# Faster Scrambling Idea?



## SparkZer00 (Feb 10, 2009)

..........


----------



## Kit Clement (Feb 10, 2009)

I'm probably wrong, but doesn't that end up in performing more moves to the cube?


----------



## MistArts (Feb 10, 2009)

I'd love this, but there's a problem.


----------



## shelley (Feb 10, 2009)

Who else besides MistArts sees the problem with this idea?


----------



## n00bcubix (Feb 10, 2009)

I think I might, but I won't speak yet.


----------



## Kit Clement (Feb 10, 2009)

'Kay, now I just feel stupid. >.<


----------



## JustinJ (Feb 10, 2009)

I think I might...? I won't post what I think it is yet though.
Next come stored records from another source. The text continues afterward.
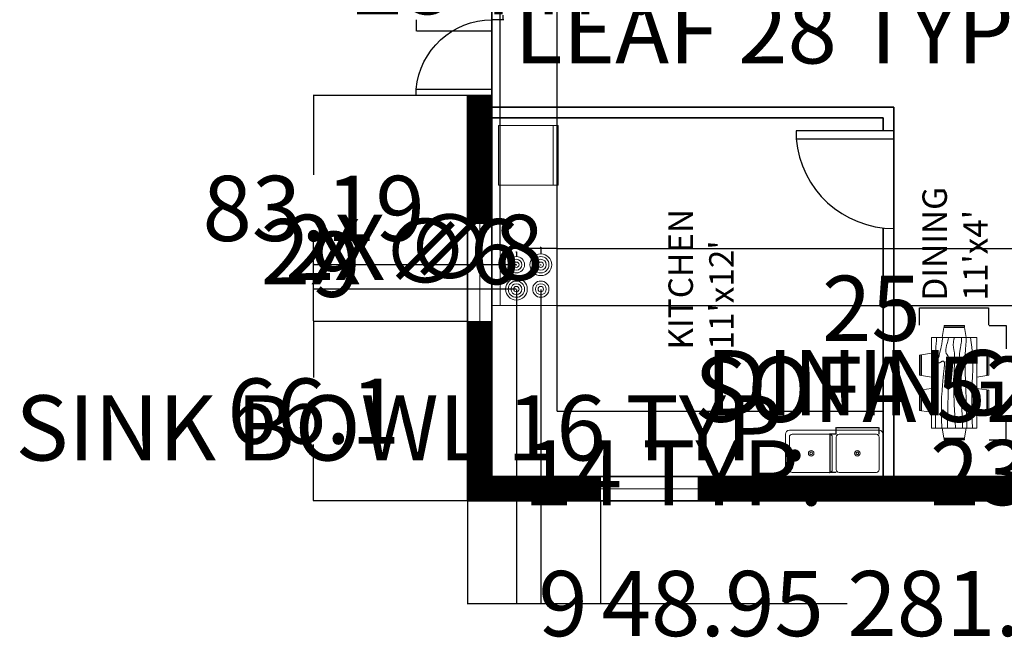
# Model space of a CAD drawing. Units: inches. Extents: x -1226 to 4538, y -998 to 1029.
# Tile 1 of 5: x -1226 to -864, y -998 to -767. Entities that reach past the tile are written whole.
import ezdxf

# ---------------------------------------------------------------- set-up
doc = ezdxf.new("R2010")
doc.units = ezdxf.units.IN
doc.header["$MEASUREMENT"] = 0
for name, color, linetype, lineweight in [('A-ANNO-DIMS', 2, 'Continuous', 18), ('A-AREA-IDEN', 7, 'Continuous', 18), ('A-DOOR', 4, 'Continuous', 25), ('A-EQPM', 8, 'Continuous', 18), ('A-FLOR-CASE', 8, 'Continuous', 25), ('A-FLOR-FIXT', 9, 'Continuous', 18), ('A-FURN', 8, 'Continuous', 18), ('A-GLAZ', 3, 'Continuous', 18), ('A-WALL', 7, 'Continuous', 35), ('A-WALL-PATT', 1, 'Continuous', 13)]:
    doc.layers.add(name, color=color, linetype=linetype, lineweight=lineweight)
doc.styles.get("Standard").update_dxf_attribs({"font": 'arial.ttf'})
doc.dimstyles.get("Standard").update_dxf_attribs({"dimtxt": 24, "dimasz": 0.18, "dimexe": 0.18, "dimexo": 0.0625, "dimgap": 0.09, "dimtad": 0, "dimtih": 1, "dimtoh": 1, "dimdec": 0, "dimzin": 0, "dimdsep": 46, "dimlunit": 4, "dimtxsty": 'Standard', "dimcen": 0.09, "dimadec": 0, "dimazin": 0, "dimtfac": 1, "dimtdec": 0, "dimtofl": 0, "dimtmove": 0, "dimatfit": 3, "dimfxl": 1, "dimtolj": 1, "dimtzin": 0, "dimarcsym": 0})

# ---------------------------------------------------------------- blocks, each defined once
blk = doc.blocks.new('Dining Set - 36 x 72 in.')
for p, q in [((-22.2343, 26.00059), (-23.4847, 17.99762)), ((-22.2304, 26), (-5.7608, 26)), ((-22, 27.5), (-22.1562, 26.50042)), ((-5.8416, 26.5), (-22.1534, 26.5)), ((-22, 27.5), (-6, 27.5)), ((-5.8437, 26.49966), (-6, 27.5)), ((-4.5152, 17.99762), (-5.7655, 25.99926)), ((5.7657, 26.00059), (4.5153, 17.99762)), ((5.7696, 26), (22.2392, 26)), ((6, 27.5), (5.8438, 26.50042)), ((22.1584, 26.5), (5.8466, 26.5)), ((6, 27.5), (22, 27.5)), ((22.1563, 26.49966), (22, 27.5)), ((23.4848, 17.99762), (22.2345, 25.99926)), ((36, 18), (-36, 18)), ((-36, 18), (-36, -18)), ((36, -18), (36, 18)), ((-45.5, 8), (-44.5004, 8.15617)), ((-45.5, 8), (-45.5, -8)), ((-44.5, -8.15843), (-44.5, 8.15338)), ((-44.0006, 8.23428), (-35.9976, 9.48474)), ((-44, 8.23041), (-44, -8.23915)), ((44.0006, 8.23428), (35.9976, 9.48474)), ((44, 8.23041), (44, -8.23915)), ((44.5, -8.15843), (44.5, 8.15338)), ((45.5, 8), (44.5005, 8.15617)), ((45.5, 8), (45.5, -8)), ((-44.4997, -8.15631), (-45.5, -8)), ((-35.9976, -9.48476), (-43.9993, -8.2345)), ((35.9976, -9.48476), (43.9993, -8.2345)), ((44.4997, -8.15631), (45.5, -8)), ((-36, -18), (36, -18)), ((-22.2343, -26.0006), (-23.4847, -17.99762)), ((-4.5152, -17.99762), (-5.7655, -25.99928)), ((5.7657, -26.0006), (4.5153, -17.99762)), ((23.4848, -17.99762), (22.2345, -25.99928)), ((-22.2304, -26), (-5.7608, -26)), ((-22, -27.5), (-22.1562, -26.50044)), ((-5.8416, -26.5), (-22.1534, -26.5)), ((-22, -27.5), (-6, -27.5)), ((-5.8437, -26.49967), (-6, -27.5)), ((5.7696, -26), (22.2392, -26)), ((6, -27.5), (5.8438, -26.50044)), ((22.1584, -26.5), (5.8466, -26.5)), ((6, -27.5), (22, -27.5)), ((22.1563, -26.49967), (22, -27.5))]:
    blk.add_line(p, q)
for points in [[(-36, 15), (-31.1772, 14.97754), (-26.8079, 14.91406), (-22.8538, 14.81543), (-19.276, 14.6875), (-16.0362, 14.53613), (-13.0957, 14.36718), (-10.4159, 14.18652), (-7.9583, 14), (-5.6904, 13.81315), (-3.6035, 13.63021), (-1.6954, 13.45508), (0.0365, 13.29166), (1.5945, 13.14388), (2.9811, 13.01562), (4.1988, 12.9108), (5.25, 12.83333), (6.1393, 12.78613), (6.8802, 12.76823), (7.4883, 12.77767), (7.9792, 12.8125), (8.3685, 12.87077), (8.6719, 12.95052), (8.9049, 13.0498), (9.0833, 13.16666), (9.2205, 13.29899), (9.3216, 13.44401), (9.3895, 13.59879), (9.4271, 13.76041), (9.4373, 13.92594), (9.4232, 14.09245), (9.3875, 14.257), (9.3333, 14.41666), (9.2638, 14.56917), (9.1836, 14.71484), (9.0975, 14.85465), (9.0104, 14.98958), (8.9272, 15.1206), (8.8529, 15.2487), (8.7922, 15.37483), (8.75, 15.5), (8.7305, 15.62467), (8.7344, 15.74739), (8.7617, 15.86621), (8.8125, 15.97916), (8.8867, 16.08431), (8.9844, 16.17968), (9.1055, 16.26334), (9.25, 16.33333), (9.4189, 16.38802), (9.6172, 16.42708), (9.8506, 16.45052), (10.125, 16.45833), (10.4463, 16.45052), (10.8203, 16.42708), (11.2529, 16.38802), (11.75, 16.33333), (12.3184, 16.26318), (12.9694, 16.17838), (13.7151, 16.07991), (14.5677, 15.96875), (15.5395, 15.84586), (16.6426, 15.71224), (17.8893, 15.56884), (19.2917, 15.41666), (20.859, 15.25667), (22.5879, 15.08984), (24.4721, 14.91715), (26.5052, 14.73958), (28.6809, 14.5581), (30.9929, 14.3737), (33.4347, 14.18733), (36, 14)], [(-36, 10), (-28.9766, 10.14274), (-23.1725, 10.20442), (-18.4241, 10.19775), (-14.5677, 10.13541), (-11.4399, 10.03011), (-8.877, 9.89453), (-6.7154, 9.74137), (-4.7917, 9.58333), (-2.9698, 9.43082), (-1.2246, 9.28515), (0.4415, 9.14534), (2.026, 9.01041), (3.5266, 8.87939), (4.9408, 8.7513), (6.266, 8.62516), (7.5, 8.5), (8.6411, 8.37549), (9.6914, 8.2539), (10.6538, 8.13818), (11.5312, 8.03125), (12.3267, 7.93603), (13.043, 7.85547), (13.6831, 7.79248), (14.25, 7.75), (14.7471, 7.7303), (15.1797, 7.73307), (15.5537, 7.75732), (15.875, 7.80208), (16.1494, 7.86637), (16.3828, 7.94922), (16.5811, 8.04964), (16.75, 8.16666), (16.8944, 8.29915), (17.0143, 8.44531), (17.1089, 8.60319), (17.1771, 8.77083), (17.218, 8.94629), (17.2305, 9.1276), (17.2137, 9.31282), (17.1667, 9.5), (17.0895, 9.6875), (16.987, 9.875), (16.8649, 10.0625), (16.7292, 10.25), (16.5856, 10.4375), (16.4401, 10.625), (16.2985, 10.8125), (16.1667, 11), (16.05, 11.18733), (15.9518, 11.3737), (15.8752, 11.5581), (15.8229, 11.73958), (15.798, 11.91715), (15.8034, 12.08984), (15.842, 12.25667), (15.9167, 12.41666), (16.0295, 12.56836), (16.1784, 12.70833), (16.3605, 12.83268), (16.5729, 12.9375), (16.8127, 13.01888), (17.0768, 13.07291), (17.3625, 13.0957), (17.6667, 13.08333), (17.9894, 13.03312), (18.3418, 12.94726), (18.7382, 12.82918), (19.1927, 12.68229), (19.7195, 12.51001), (20.3327, 12.31575), (21.0465, 12.10294), (21.875, 11.875), (22.8357, 11.63354), (23.959, 11.37304), (25.2786, 11.08618), (26.8282, 10.76562), (28.6414, 10.40405), (30.752, 9.99414), (33.1936, 9.52856), (36, 9)], [(-36, 5.5), (-30.7157, 5.3348), (-26.069, 5.20963), (-21.9946, 5.11767), (-18.4271, 5.05208), (-15.3009, 5.00602), (-12.5508, 4.97265), (-10.1112, 4.94515), (-7.9167, 4.91666), (-5.909, 4.88167), (-4.0586, 4.83984), (-2.3429, 4.79215), (-0.7396, 4.73958), (0.7739, 4.6831), (2.22, 4.6237), (3.6213, 4.56233), (5, 4.5), (6.373, 4.43782), (7.7344, 4.3776), (9.0723, 4.32129), (10.375, 4.27083), (11.6309, 4.22819), (12.8281, 4.19531), (13.9551, 4.17415), (15, 4.16666), (15.954, 4.17448), (16.819, 4.19791), (17.6001, 4.23698), (18.3021, 4.29166), (18.9299, 4.36198), (19.4883, 4.44791), (19.9823, 4.54948), (20.4167, 4.66666), (20.7969, 4.79899), (21.1302, 4.94401), (21.4245, 5.09879), (21.6875, 5.26041), (21.9271, 5.42594), (22.1511, 5.59245), (22.3672, 5.757), (22.5834, 5.91666), (22.8065, 6.06868), (23.0404, 6.21093), (23.2879, 6.34147), (23.5521, 6.45833), (23.8358, 6.55957), (24.142, 6.64323), (24.4735, 6.70735), (24.8334, 6.75), (25.2235, 6.76969), (25.642, 6.76692), (26.0858, 6.74267), (26.5521, 6.69791), (27.0379, 6.63362), (27.5404, 6.55078), (28.0565, 6.45036), (28.5834, 6.33333), (29.1242, 6.19987), (29.7071, 6.04687), (30.3661, 5.87044), (31.1354, 5.66666), (32.0493, 5.43164), (33.142, 5.16146), (34.4475, 4.85221), (36, 4.5)], [(-36, -1), (-30.7915, -0.6591), (-26.0195, -0.38216), (-21.6519, -0.16284), (-17.6563, 0.00521), (-14.0005, 0.12833), (-10.6523, 0.21289), (-7.5796, 0.26522), (-4.75, 0.29166), (-2.134, 0.29793), (0.2878, 0.28711), (2.5317, 0.26163), (4.6146, 0.22396), (6.5529, 0.17651), (8.3633, 0.12174), (10.0623, 0.06209), (11.6667, 0), (13.1899, -0.06201), (14.6341, -0.1211), (15.9982, -0.17432), (17.2813, -0.21875), (18.4823, -0.25147), (19.6003, -0.26953), (20.6343, -0.27002), (21.5834, -0.25), (22.4481, -0.20768), (23.2357, -0.14584), (23.9549, -0.06836), (24.6146, 0.02083), (25.2235, 0.11784), (25.7904, 0.21875), (26.3241, 0.31966), (26.8334, 0.41666), (27.3265, 0.50618), (27.8099, 0.58593), (28.2894, 0.65397), (28.7709, 0.70833), (29.2601, 0.74707), (29.763, 0.76823), (30.2855, 0.76985), (30.8334, 0.75), (31.4088, 0.70784), (31.9994, 0.64713), (32.589, 0.57275), (33.1615, 0.48958), (33.7008, 0.4025), (34.1908, 0.3164), (34.6153, 0.23616), (34.9584, 0.16666), (35.2099, 0.11165), (35.3848, 0.07031), (35.504, 0.04069), (35.5886, 0.02083), (35.6594, 0.00879), (35.7377, 0.0026), (35.8442, 0.00032), (36, 0)], [(-36, -6.5), (-27.1843, -6.31267), (-20.084, -6.1263), (-14.469, -5.9419), (-10.1094, -5.76042), (-6.7752, -5.58285), (-4.2363, -5.41016), (-2.2629, -5.24333), (-0.625, -5.08334), (0.8708, -4.93099), (2.2715, -4.78646), (3.5872, -4.64974), (4.8281, -4.52084), (6.0046, -4.39974), (7.127, -4.28646), (8.2053, -4.18099), (9.25, -4.08334), (10.2705, -3.99382), (11.2734, -3.91407), (12.2647, -3.84603), (13.25, -3.79167), (14.2354, -3.75293), (15.2266, -3.73177), (16.2295, -3.73015), (17.25, -3.75), (18.2912, -3.79248), (19.3451, -3.85547), (20.4009, -3.93604), (21.4479, -4.03125), (22.4754, -4.13819), (23.4727, -4.25391), (24.4289, -4.37549), (25.3334, -4.5), (26.1785, -4.62492), (26.9694, -4.74935), (27.7145, -4.87281), (28.4219, -4.99479), (29.1, -5.11483), (29.7572, -5.23242), (30.4016, -5.34709), (31.0417, -5.45834), (31.6837, -5.56437), (32.3262, -5.65821), (32.9658, -5.73153), (33.599, -5.77604), (34.2224, -5.78345), (34.8327, -5.74545), (35.4264, -5.65373), (36, -5.5)], [(-36, -10), (-26.4022, -9.81299), (-18.4675, -9.62891), (-11.9839, -9.45069), (-6.7396, -9.28125), (-2.5226, -9.12354), (0.8789, -8.98047), (3.6769, -8.85498), (6.0833, -8.75), (8.2767, -8.66765), (10.3021, -8.60677), (12.1712, -8.56543), (13.8958, -8.54167), (15.4876, -8.53353), (16.9583, -8.53907), (18.3197, -8.55632), (19.5834, -8.58334), (20.7616, -8.61841), (21.8685, -8.66081), (22.9188, -8.71004), (23.9271, -8.76563), (24.9081, -8.82707), (25.8763, -8.89388), (26.8465, -8.96558), (27.8334, -9.04167), (28.8474, -9.12118), (29.8828, -9.20117), (30.93, -9.27824), (31.9792, -9.34896), (33.0205, -9.40991), (34.0443, -9.45768), (35.0407, -9.48885), (36, -9.5)], [(-36, -14.5), (-30.0881, -14.33513), (-25.0332, -14.21224), (-20.7312, -14.12647), (-17.0781, -14.07292), (-13.97, -14.04671), (-11.3027, -14.04297), (-8.9724, -14.05681), (-6.875, -14.08334), (-4.9224, -14.11833), (-3.0905, -14.16016), (-1.3709, -14.20785), (0.2448, -14.26042), (1.7647, -14.3169), (3.1973, -14.3763), (4.5507, -14.43767), (5.8333, -14.5), (7.0554, -14.5621), (8.235, -14.62175), (9.3922, -14.67652), (10.5469, -14.72396), (11.7192, -14.76164), (12.929, -14.78711), (14.1965, -14.79794), (15.5417, -14.79167), (16.9933, -14.76424), (18.6152, -14.70508), (20.4804, -14.60197), (22.6615, -14.44271), (25.2312, -14.21509), (28.2624, -13.9069), (31.8277, -13.50594), (36, -13)]]:
    blk.add_lwpolyline(points)
blk = doc.blocks.new('DOOR-SWING-36')
for p, q in [((36, 36), (0, 36)), ((0, 36), (0, 33)), ((0, 33), (36, 33)), ((36, 33), (36, 36))]:
    blk.add_line(p, q)
blk.add_arc((36, 36.14), 36.14, 184.9791, 270)
blk = doc.blocks.new('DOOR-SWING-NARROW')
for p, q in [((27.84, 27.84), (0, 27.84)), ((0, 27.84), (0, 25.52)), ((0, 25.52), (27.84, 25.52)), ((27.84, 25.52), (27.84, 27.84))]:
    blk.add_line(p, q)
blk.add_arc((27.84, 27.94), 27.94, 184.9791, 270)
blk = doc.blocks.new('WIN-36')
for p, q in [((0, 36), (9, 36)), ((4.5, 0), (4.5, 36)), ((0, 0), (9, 0))]:
    blk.add_line(p, q)
blk = doc.blocks.new('SINK-BOWL-STANDARD')
blk.add_line((15.75, 1), (15.75, 13))
for points in [[(0, 1), (0, 13)], [(1, 14), (14.75, 14)], [(14.75, 0), (1, 0)]]:
    blk.add_lwpolyline(points)
for radius in [1, 0.5]:
    blk.add_circle((8, 7), radius)
for centre, start, end in [((1, 13), 90, 180), ((14.75, 13), 0, 90), ((1, 1), 180, 270), ((14.75, 1), 270, 0)]:
    blk.add_arc(centre, 1, start, end)
blk = doc.blocks.new('BURNER-6IN')
for radius in [3, 2, 1]:
    blk.add_circle((3, 3), radius)
blk = doc.blocks.new('BURNER-8IN')
for radius in [4, 3, 2, 1]:
    blk.add_circle((4, 4), radius)
blk = doc.blocks.new('*D28')
at = {"layer": 'A-ANNO-DIMS', "color": 0, "lineweight": -2, "transparency": 16777216}
for p, q in [((-1080.03, -767.33), (-1080.03, -771.62)), ((-1052.19, -767.33), (-1052.19, -771.62)), ((-1079.85, -771.44), (-1052.37, -771.44)), ((-1052.19, -771.44), (-1052.01, -771.44))]:
    blk.add_line(p, q, dxfattribs=at)
at = {"layer": 'A-ANNO-DIMS', "color": 0, "transparency": 16777216}
for points in [[(-1079.85, -771.41), (-1079.85, -771.47), (-1080.03, -771.44)], [(-1052.37, -771.41), (-1052.37, -771.47), (-1052.19, -771.44)]]:
    blk.add_solid(points, dxfattribs=at)
at = {"layer": 'Defpoints', "color": 0, "transparency": 16777216}
for p in [(-1080.03, -767.26), (-1052.19, -767.26), (-1052.19, -771.44)]:
    blk.add_point(p, dxfattribs=at)
at = {"layer": 'A-ANNO-DIMS', "color": 0, "transparency": 16777216, "insert": (-947.45, -771.44), "char_height": 24, "attachment_point": 5}
blk.add_mtext('\\A1;LEAF 28 TYP.', dxfattribs=at)
blk = doc.blocks.new('*D29')
at = {"layer": 'A-ANNO-DIMS', "color": 0, "lineweight": -2, "transparency": 16777216}
for p, q in [((-1052.13, -739.42), (-1047.83, -739.42)), ((-1048.01, -739.6), (-1048.01, -741)), ((-1052.13, -767.26), (-1047.83, -767.26)), ((-1048.01, -767.08), (-1048.01, -765.69))]:
    blk.add_line(p, q, dxfattribs=at)
at = {"layer": 'A-ANNO-DIMS', "color": 0, "transparency": 16777216}
for points in [[(-1048.04, -739.6), (-1047.98, -739.6), (-1048.01, -739.42)], [(-1048.04, -767.08), (-1047.98, -767.08), (-1048.01, -767.26)]]:
    blk.add_solid(points, dxfattribs=at)
at = {"layer": 'Defpoints', "color": 0, "transparency": 16777216}
for p in [(-1052.19, -739.42), (-1048.01, -739.42), (-1052.19, -767.26)]:
    blk.add_point(p, dxfattribs=at)
at = {"layer": 'A-ANNO-DIMS', "color": 0, "transparency": 16777216, "insert": (-1048.01, -753.34), "char_height": 24, "attachment_point": 5}
blk.add_mtext('\\A1;28 TYP.', dxfattribs=at)
blk = doc.blocks.new('*D34')
at = {"layer": 'A-ANNO-DIMS', "color": 0, "lineweight": -2, "transparency": 16777216}
for p, q in [((-768.95, -903.42), (-769.13, -903.42)), ((-768.95, -911.16), (-768.95, -903.24)), ((-717.1, -903.42), (-768.77, -903.42)), ((-716.92, -911.16), (-716.92, -903.24))]:
    blk.add_line(p, q, dxfattribs=at)
at = {"layer": 'A-ANNO-DIMS', "color": 0, "transparency": 16777216}
for points in [[(-768.77, -903.39), (-768.77, -903.45), (-768.95, -903.42)], [(-717.1, -903.39), (-717.1, -903.45), (-716.92, -903.42)]]:
    blk.add_solid(points, dxfattribs=at)
at = {"layer": 'Defpoints', "color": 0, "transparency": 16777216}
for p in [(-768.95, -903.42), (-768.95, -911.22), (-716.92, -911.22)]:
    blk.add_point(p, dxfattribs=at)
at = {"layer": 'A-ANNO-DIMS', "color": 0, "transparency": 16777216, "insert": (-877.88, -903.42), "char_height": 24, "attachment_point": 5}
blk.add_mtext('\\A1;SOFA 52 TYP.', dxfattribs=at)
blk = doc.blocks.new('*D35')
at = {"layer": 'A-ANNO-DIMS', "color": 0, "lineweight": -2, "transparency": 16777216}
for p, q in [((-769.01, -911.22), (-776.94, -911.22)), ((-776.76, -911.4), (-776.76, -933.75)), ((-769.01, -933.93), (-776.94, -933.93)), ((-776.76, -934.11), (-776.94, -934.11)), ((-776.76, -933.93), (-776.76, -934.11))]:
    blk.add_line(p, q, dxfattribs=at)
at = {"layer": 'A-ANNO-DIMS', "color": 0, "transparency": 16777216}
for points in [[(-776.79, -911.4), (-776.73, -911.4), (-776.76, -911.22)], [(-776.79, -933.75), (-776.73, -933.75), (-776.76, -933.93)]]:
    blk.add_solid(points, dxfattribs=at)
at = {"layer": 'Defpoints', "color": 0, "transparency": 16777216}
for p in [(-768.95, -911.22), (-776.76, -933.93), (-768.95, -933.93)]:
    blk.add_point(p, dxfattribs=at)
at = {"layer": 'A-ANNO-DIMS', "color": 0, "transparency": 16777216, "insert": (-835.64, -934.11), "char_height": 24, "attachment_point": 5}
blk.add_mtext('\\A1;23 TYP.', dxfattribs=at)
blk = doc.blocks.new('*D40')
at = {"layer": 'A-ANNO-DIMS', "color": 0, "lineweight": -2, "transparency": 16777216}
for p, q in [((-925.4, -917.65), (-925.58, -917.65)), ((-925.4, -919.95), (-925.4, -917.47)), ((-909.83, -917.65), (-925.22, -917.65)), ((-909.65, -919.95), (-909.65, -917.47))]:
    blk.add_line(p, q, dxfattribs=at)
at = {"layer": 'A-ANNO-DIMS', "color": 0, "transparency": 16777216}
for points in [[(-925.22, -917.62), (-925.22, -917.68), (-925.4, -917.65)], [(-909.83, -917.62), (-909.83, -917.68), (-909.65, -917.65)]]:
    blk.add_solid(points, dxfattribs=at)
at = {"layer": 'Defpoints', "color": 0, "transparency": 16777216}
for p in [(-925.4, -917.65), (-925.4, -920.02), (-909.65, -920.02)]:
    blk.add_point(p, dxfattribs=at)
at = {"layer": 'A-ANNO-DIMS', "color": 0, "transparency": 16777216, "insert": (-1081.83, -917.65), "char_height": 24, "attachment_point": 5}
blk.add_mtext('\\A1;SINK BOWL 16 TYP.', dxfattribs=at)
blk = doc.blocks.new('*D41')
at = {"layer": 'A-ANNO-DIMS', "color": 0, "lineweight": -2, "transparency": 16777216}
for p, q in [((-925.46, -920.02), (-927.94, -920.02)), ((-927.76, -920.2), (-927.76, -933.84)), ((-925.46, -934.02), (-927.94, -934.02)), ((-927.76, -934.2), (-927.94, -934.2)), ((-927.76, -934.02), (-927.76, -934.2))]:
    blk.add_line(p, q, dxfattribs=at)
at = {"layer": 'A-ANNO-DIMS', "color": 0, "transparency": 16777216}
for points in [[(-927.79, -920.2), (-927.73, -920.2), (-927.76, -920.02)], [(-927.79, -933.84), (-927.73, -933.84), (-927.76, -934.02)]]:
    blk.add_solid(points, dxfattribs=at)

EDIT: Yes, I'm sure I see it now


----------



## ConnorCuber (Feb 10, 2009)

I see the problem.


----------



## byu (Feb 10, 2009)

I think I see the problem.


----------



## Kit Clement (Feb 10, 2009)

Mmmmm... I think I have it now.


----------



## ConnorCuber (Feb 10, 2009)

SparkZer00 said:


> Yalow said:
> 
> 
> > I think I might...? I won't post what I think it is yet though.
> ...




The problem is that you can start by solving the innermost layer, and then move up, so that its only like a 3x3, but 3 times (7x7)
a 2x2 and 2 3x3's (6x6)
a 3x3 two times (5x5)
and a 2x2 and a 3x3 (4x4)


----------



## Ton (Feb 10, 2009)

SparkZer00 said:


> 4x4- 2 scrambles, 1st outer tier and then 1st inner tier



Than solve it like a 2x2 ( for the centers+edges)- so you skip the edges, so only use Rw, Lw etc, than solve it like a 3x3x3 ( no parities)


----------



## JustinJ (Feb 10, 2009)

Anybody else thinking this would be a really cool way to do a relay?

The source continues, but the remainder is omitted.